Been featured in several posts lately. A case of form definitely not following function. Can't knock it tho, it's damn quick!


----------



## Mark 2 (Oct 18, 2011)

powerplay said:


> Mark 2 said:
> 
> 
> > http://rahmadi.com/2010-raeder-motorsport-audi-tt-rs.html/raeder-motorsport-audi-tt-rs-3/
> ...


Yeah i bet its quick but still unsightly carrying handle. !!! lol


----------



## ScoobyTT (Aug 24, 2009)

TT-REX said:


> why is that
> 
> 
> R5T said:
> ...


I'll field this one.
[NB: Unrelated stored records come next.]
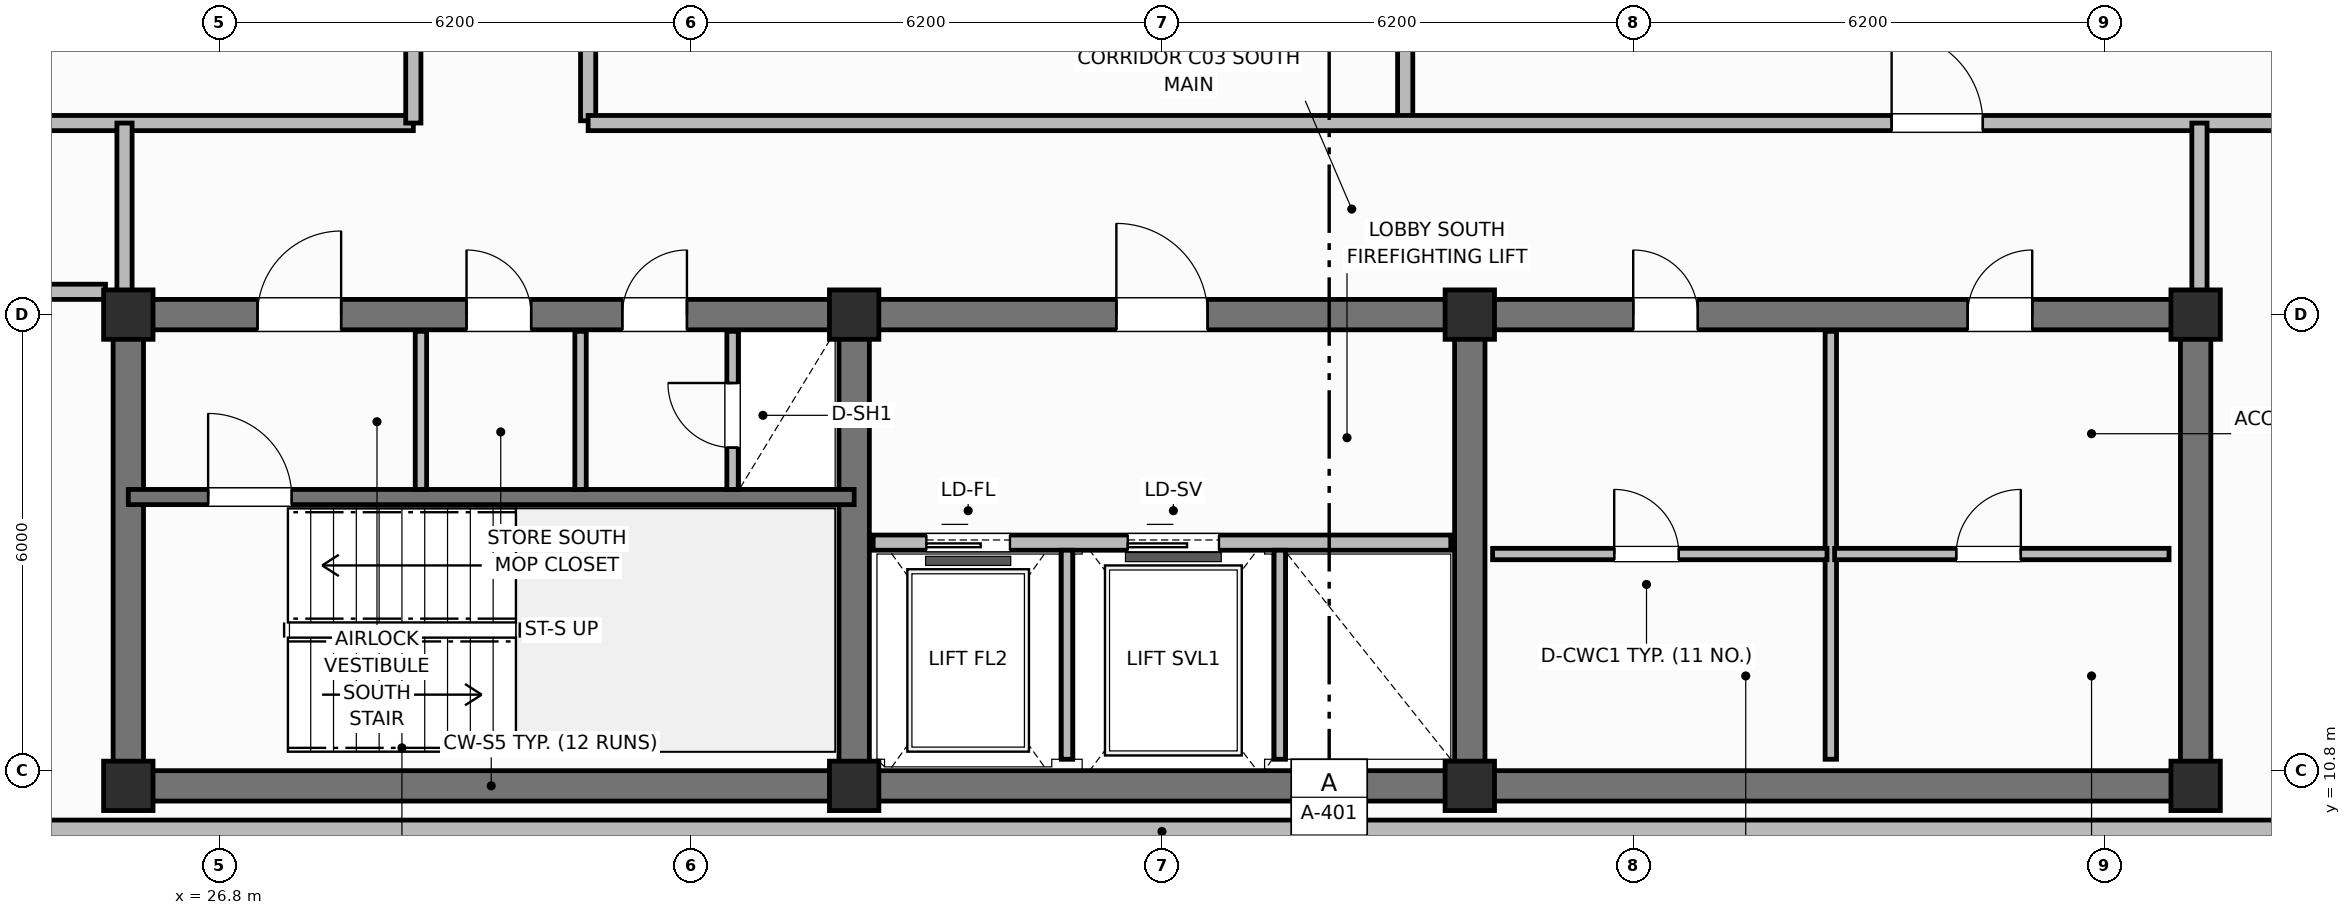
"""IFC4 building model, lengths in metres.
Left out: names, types, materials, properties, quantities, classifications, styles, units other than length and angle.
Written with IfcOpenShell. Run it as: python <this file> out.ifc"""

import sys

from ifc_helpers import new_model, si_unit, direction, frame, frame_2d, origin, origin_2d, place, context, subcontext, project, spatial, rectangle, extrude, element, fill, save


model = new_model("IFC4")
c1 = context("Model", 3, precision=1e-05, world=origin(), true_north=direction((0.0, 1.0)))
c2 = subcontext(c1, "Body", "Model", "MODEL_VIEW")
j1 = project(units=[si_unit("LENGTHUNIT", "METRE"), si_unit("PLANEANGLEUNIT", "RADIAN")], contexts=[c1])
p1 = place(None, origin())
s1 = spatial("IfcSite", under=j1, at=p1, CompositionType="ELEMENT")
p2 = place(p1, origin())
s2 = spatial("IfcBuilding", under=s1, at=p2, CompositionType="ELEMENT")
p3 = place(p2, frame((0.0, 0.0, 309.2)))
s3 = spatial("IfcBuildingStorey", under=s2, at=p3, CompositionType="ELEMENT", Elevation=309.2)
p4 = place(p3, frame((52.8, 10.6, 0.0), z_axis=(0.0, 0.0, 1.0), x_axis=(-1.0, 0.0, 0.0)))
e1 = element("IfcWall", 1, at=p4, inside=s3, PredefinedType="SHEAR", context=c2, shape_type="SweptSolid", body=[
    extrude(rectangle(XDim=27.2, YDim=0.4, at=frame_2d((13.6, 0.0))), origin(), (0.0, 0.0, 1.0), 3.6),
])
for number, where, z_axis, x_axis in (
    (2, (25.6, 10.8, 0.0), (0.0, 0.0, 1.0), (0.0, 1.0, 0.0)),
    (3, (52.8, 10.8, 0.0), (0.0, 0.0, 1.0), (0.0, 1.0, 0.0)),
):
    element("IfcWall", number, at=place(p3, frame(where, z_axis=z_axis, x_axis=x_axis)), inside=s3, PredefinedType="SHEAR", context=c2, shape_type="SweptSolid", body=[
        extrude(rectangle(XDim=5.8, YDim=0.4, at=frame_2d((2.9, 0.0))), origin(), (0.0, 0.0, 1.0), 3.6),
    ])
p5 = place(p3, frame((25.6, 16.8, 0.0), z_axis=(0.0, 0.0, 1.0), x_axis=(1.0, 0.0, 0.0)))
e4 = element("IfcWall", 4, at=p5, inside=s3, PredefinedType="SHEAR", context=c2, shape_type="SweptSolid", body=[
    extrude(rectangle(XDim=27.2, YDim=0.4, at=frame_2d((13.6, 0.0))), origin(), (0.0, 0.0, 1.0), 3.6),
])
p6 = place(p5, frame((1.7, 0.0, 0.0)))
e5 = element("IfcOpeningElement", 5, at=p6, cuts=e4, PredefinedType="OPENING", context=c2, shape_type="SweptSolid", body=[
    extrude(rectangle(XDim=1.1, YDim=2.15, at=frame_2d((0.55, 1.075))), frame((0.0, 0.21, 0.0), z_axis=(0.0, -1.0, 0.0), x_axis=(1.0, 0.0, 0.0)), (0.0, 0.0, 1.0), 0.42),
])
p7 = place(p5, frame((4.45, 0.0, 0.0)))
e6 = element("IfcOpeningElement", 6, at=p7, cuts=e4, PredefinedType="OPENING", context=c2, shape_type="SweptSolid", body=[
    extrude(rectangle(XDim=0.85, YDim=2.1, at=frame_2d((0.425, 1.05))), frame((0.0, 0.21, 0.0), z_axis=(0.0, -1.0, 0.0), x_axis=(1.0, 0.0, 0.0)), (0.0, 0.0, 1.0), 0.42),
])
p8 = place(p5, frame((6.5, 0.0, 0.0)))
e7 = element("IfcOpeningElement", 7, at=p8, cuts=e4, PredefinedType="OPENING", context=c2, shape_type="SweptSolid", body=[
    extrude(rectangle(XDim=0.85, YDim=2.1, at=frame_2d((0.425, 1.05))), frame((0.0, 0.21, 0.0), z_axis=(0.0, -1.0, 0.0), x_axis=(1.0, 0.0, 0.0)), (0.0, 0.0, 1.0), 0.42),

Because Mk2 starting to look like something that belongs on a PlayStation is indicative of increased chavification and therefore a cue for folk with better taste to buy a car that isn't popular enough with chavs to trigger the production and marketing of spoilers that look like bookshelves and hostess trolleys.


----------



## TT-REX (Jun 3, 2011)

hmm i see scooby dooby Dooo !


ScoobyTT said:


> TT-REX said:
> 
> 
> > why is that
> ...


----------



## Chubster (Feb 14, 2011)

Methinks you bought the wrong car.........


----------



## TT-REX (Jun 3, 2011)

i got the tt for free man , i would never spend my money on a tt ,


Chubster said:


> Methinks you bought the wrong car.........


----------



## andyTT180 (Mar 19, 2010)

TT-REX said:


> i got the tt for free man , i would never spend my money on a tt ,
> 
> 
> Chubster said:
> ...


Maybe you should sell it and buy something you'd prefer then?


----------



## YELLOW_TT (Feb 25, 2004)

R5T said:


> When those kind of spoiler start to appear on the Mk2, it's time to sell, and buy something else. :wink:


A men to that


----------



## weeman69 (Jul 11, 2008)

andyTT180 said:


> TT-REX said:
> 
> 
> > i got the tt for free man , i would never spend my money on a tt ,
> ...


..Like a whole box full of Hot Wheels n some glue n some tape n some balsa wood n some paint n............. :?:


----------